Mais bien sûr. Dans le genre prédateur sexuel qui cherche absolument à faire monter une nana dans sa voiture, je me pose là. Je lis une pointe d’inquiétude dans son regard ; peut-être pas de l’inquiétude, mais tout au moins de la perplexité.
« Merci, mais ça va aller. Et puis, on ne se connaît pas. »
Elle est légèrement sur la défensive à présent. Bravo Adrien, c’est du grand art.
« Je ne veux pas t’embarrasser, c’est juste que tu as l’air fatiguée. »
Mais c’est qu’il insiste en plus, le bougre. Pourquoi est-ce que je ne me tais pas ? Ou pourquoi est-ce que je ne l’invite pas tout simplement à boire un verre, comme je le ferais avec n’importe qui d’autre ?
« Je sais, mais je… J’ai pas l’habitude de monter en voiture avec des étrangers. Encore moins avec mes enfants. »

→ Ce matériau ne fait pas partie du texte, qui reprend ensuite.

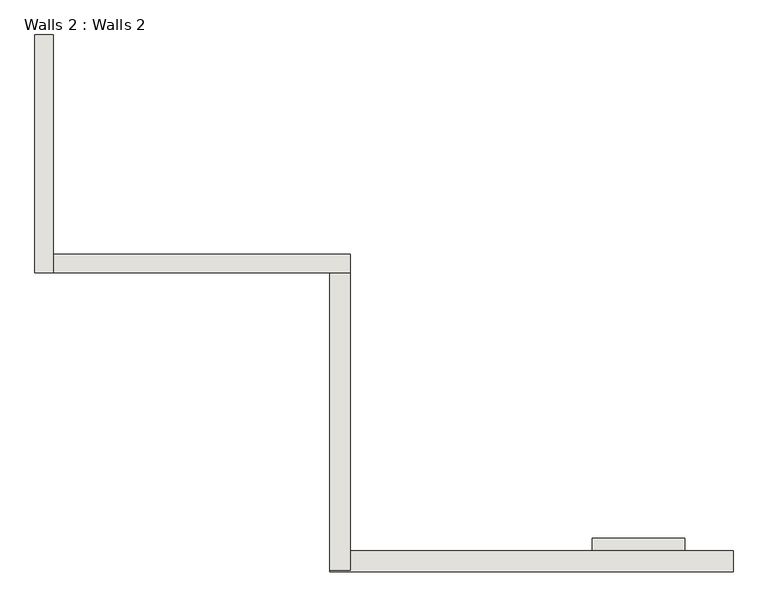
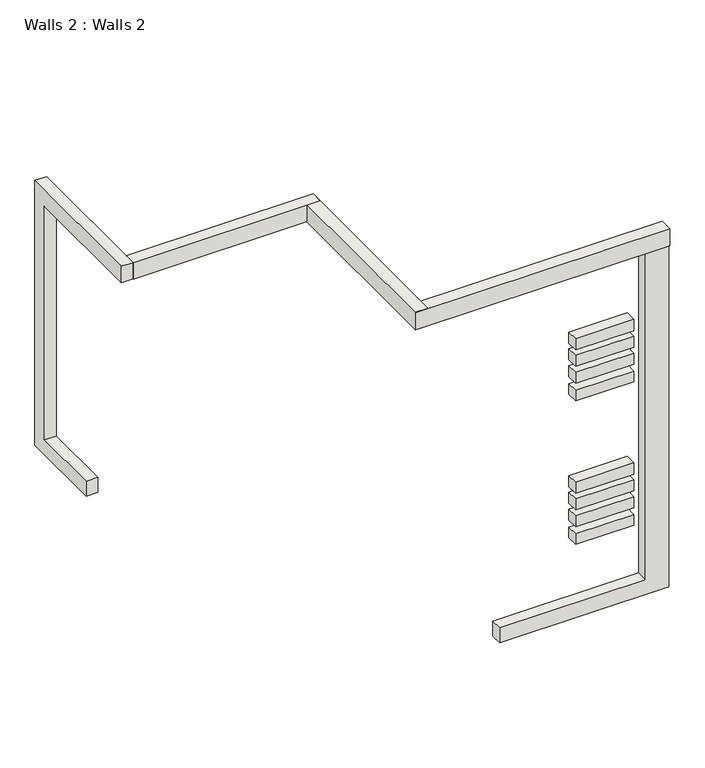
"""IFC4 building model written with IfcOpenShell, lengths in millimetres: wall geometry, Walls 2 : Walls 2."""

from ifc_helpers import new_model, si_unit, frame, origin, place, context, project, spatial, polyline, outline, extrude, source, transform, mapped, element, save


def walls_2_walls_2_327077e9(model_context):
    return source(origin(), model_context, "Body", "SweptSolid", [
        extrude(outline(polyline([(-2171.7239145, -754.1387835), (-3695.7239145, -754.1387835), (-3695.7239145, -449.3387835), (-2171.7239145, -449.3387835), (-2171.7239145, -754.1387835)])), frame((0.0, 0.0, 8598.0489127), z_axis=(0.0, 0.0, 1.0), x_axis=(1.0, 0.0, 0.0)), (0.0, 0.0, 1.0), 304.8),
        extrude(outline(polyline([(-2171.7239145, -754.1387835), (-3695.7239145, -754.1387835), (-3695.7239145, -449.3387835), (-2171.7239145, -449.3387835), (-2171.7239145, -754.1387835)])), frame((0.0, 0.0, 8140.8489127), z_axis=(0.0, 0.0, 1.0), x_axis=(1.0, 0.0, 0.0)), (0.0, 0.0, 1.0), 304.8),
        extrude(outline(polyline([(-2171.7239145, -754.1387835), (-3695.7239145, -754.1387835), (-3695.7239145, -449.3387835), (-2171.7239145, -449.3387835), (-2171.7239145, -754.1387835)])), frame((0.0, 0.0, 7670.8), z_axis=(0.0, 0.0, 1.0), x_axis=(1.0, 0.0, 0.0)), (0.0, 0.0, 1.0), 304.8),
        extrude(outline(polyline([(-2171.7239145, -754.1387835), (-3695.7239145, -754.1387835), (-3695.7239145, -449.3387835), (-2171.7239145, -449.3387835), (-2171.7239145, -754.1387835)])), frame((0.0, 0.0, 7188.913627), z_axis=(0.0, 0.0, 1.0), x_axis=(1.0, 0.0, 0.0)), (0.0, 0.0, 1.0), 289.9423012),
        extrude(outline(polyline([(-2171.7239145, -754.1387835), (-3695.7239145, -754.1387835), (-3695.7239145, -449.3387835), (-2171.7239145, -449.3387835), (-2171.7239145, -754.1387835)])), frame((0.0, 0.0, 4635.6489127), z_axis=(0.0, 0.0, 1.0), x_axis=(1.0, 0.0, 0.0)), (0.0, 0.0, 1.0), 304.8),
        extrude(outline(polyline([(-2171.7239145, -754.1387835), (-3695.7239145, -754.1387835), (-3695.7239145, -449.3387835), (-2171.7239145, -449.3387835), (-2171.7239145, -754.1387835)])), frame((0.0, 0.0, 4178.4489127), z_axis=(0.0, 0.0, 1.0), x_axis=(1.0, 0.0, 0.0)), (0.0, 0.0, 1.0), 304.8),
        extrude(outline(polyline([(-2171.7239145, -754.1387835), (-3695.7239145, -754.1387835), (-3695.7239145, -449.3387835), (-2171.7239145, -449.3387835), (-2171.7239145, -754.1387835)])), frame((0.0, 0.0, 3708.4), z_axis=(0.0, 0.0, 1.0), x_axis=(1.0, 0.0, 0.0)), (0.0, 0.0, 1.0), 304.8),
        extrude(outline(polyline([(-2171.7239145, -754.1387835), (-3695.7239145, -754.1387835), (-3695.7239145, -449.3387835), (-2171.7239145, -449.3387835), (-2171.7239145, -754.1387835)])), frame((0.0, 0.0, 3226.513627), z_axis=(0.0, 0.0, 1.0), x_axis=(1.0, 0.0, 0.0)), (0.0, 0.0, 1.0), 289.9423012),
        extrude(outline(polyline([(1371.6, -1380.4681702), (10972.8, -1380.4681702), (10972.8, -1990.0681702), (1778.0, -1990.0681702), (1778.0, -5800.0681702), (1371.6, -5800.0681702), (1371.6, -1380.4681702)])), frame((0.0, -957.3387835, 0.0), z_axis=(0.0, 1.0, 0.0), x_axis=(0.0, 0.0, 1.0)), (0.0, 0.0, 1.0), 304.8),
        extrude(outline(polyline([(7831.0612165, 11277.6), (7831.0612165, 3962.4), (5517.1742715, 3962.4), (5517.1742715, 4375.6027373), (7399.8573992, 4375.6027373), (7399.8573992, 10825.2489869), (3919.4612165, 10825.2489869), (3919.4612165, 11277.6), (7831.0612165, 11277.6)])), frame((-12861.2681702, 0.0, 0.0), z_axis=(1.0, 0.0, 0.0), x_axis=(0.0, 1.0, 0.0)), (0.0, 0.0, 1.0), 304.8),
        extrude(outline(polyline([(-7679.6681702, 3919.4612165), (-12556.4681702, 3919.4612165), (-12556.4681702, 4224.2612165), (-7679.6681702, 4224.2612165), (-7679.6681702, 3919.4612165)])), frame((0.0, 0.0, 10816.7212722), z_axis=(0.0, 0.0, 1.0), x_axis=(1.0, 0.0, 0.0)), (0.0, 0.0, 1.0), 460.8787278),
        extrude(outline(polyline([(-8013.9109677, -972.404839), (-8013.9109677, 4224.2612165), (-7679.6681702, 4224.2612165), (-7679.6681702, -972.404839), (-8013.9109677, -972.404839)])), frame((0.0, 0.0, 10801.9794049), z_axis=(0.0, 0.0, 1.0), x_axis=(1.0, 0.0, 0.0)), (0.0, 0.0, 1.0), 475.6205951),
        extrude(outline(polyline([(-1380.4681702, -995.9471159), (-8010.6534973, -995.9471159), (-8010.6534973, -652.5387835), (-1380.4681702, -652.5387835), (-1380.4681702, -995.9471159)])), frame((0.0, 0.0, 10808.5899371), z_axis=(0.0, 0.0, 1.0), x_axis=(1.0, 0.0, 0.0)), (0.0, 0.0, 1.0), 469.0100629),
    ])


if __name__ == "__main__":
    model = new_model("IFC4")
    model_context = context("Model", 3, world=origin())
    ifc_project = project(units=[si_unit("LENGTHUNIT", "METRE", prefix="MILLI")], contexts=[model_context])
    site = spatial("IfcSite", under=ifc_project)
    building = spatial("IfcBuilding", under=site)
    placement = place(None, origin())
    walls_2_walls_2_shape = walls_2_walls_2_327077e9(model_context)
    element("IfcWall", 1, ObjectType="Walls 2 : Walls 2", at=placement, inside=building, context=model_context, shape_type="MappedRepresentation", body=[
        mapped(walls_2_walls_2_shape, transform((0.0, 0.0, 0.0), x_axis=(1.0, 0.0, 0.0), y_axis=(0.0, 1.0, 0.0), z_axis=(0.0, 0.0, 1.0))),
    ])
    save(model, "model.ifc")

# Revit data of these elements
# Element 1 (IfcWall, "Walls 2 : Walls 2")
#   Materials on its faces: "Default Wall"
# Materials
#   "Default Wall": colour RGB 128 128 128, transparency 0

Le qualificatif me fait plus mal qu’il ne devrait. Il est parfaitement fondé, après tout. Mais j’avais espéré… Qu’avais-je espéré, au juste ? Je ne lui ai pas adressé un mot pendant deux mois et voilà que j’insiste pour la faire monter dans ma bagnole ?
« Ecoute, tu n’as qu’à essayer une fois ! Si je vous dépose chez vous sans vous avoir violés, ça voudra dire que je suis digne de confiance. »
Merde, Adrien ! Combien de fois tes potes ne t’ont-ils pas répété que ton humour douteux n’amusait que toi ? Tu viens de t’enterrer tout seul, mon pauvre. Contre toute attente cependant, Clémence éclate de rire et fait un pas incertain vers ma voiture.
« Excuse-moi, bredouillé-je, totalement sidéré de m’entendre parler de la sorte, je ne voulais pas…
— Si c’était vraiment ton intention, tu n’exposerais pas tes plans aussi ouvertement. »
Elle rit toujours et esquisse un autre pas vers le trottoir d’en face. Je l’observe et je me rends compte qu’elle a vraiment l’air épuisée. Nous faisons tous deux les quelques pas qui nous séparent du véhicule et je déverrouille les portières. Debout côté passager, elle me jette un regard hésitant, comme si elle se demandait brusquement ce qui lui a pris de s’avancer jusque-là. Je lis clairement sur son visage qu’elle est déchirée entre l’envie de s’économiser un trajet d’un quart d’heures à pied et la peur d’être sur le point de faire quelque chose d’inconscient, et les mots franchissent mes lèvres avant que je ne l’aie vraiment décidé.
« Si ça peut te rassurer, je suis marié et papa de deux enfants, je n’ai donc pas trop envie d’en kidnapper d’autres. »
Elle me sourit, son visage se détend et elle ouvre la portière pour s’installer dans la voiture. Je devrais peut-être lui expliquer qu’une bonne partie des tueurs en série et des prédateurs sexuels célèbres avaient une famille tout ce qu’il y a de plus rangée et ordinaire, mais je suis trop sidéré par ce que je viens d’oser pour avoir la force d’être cynique.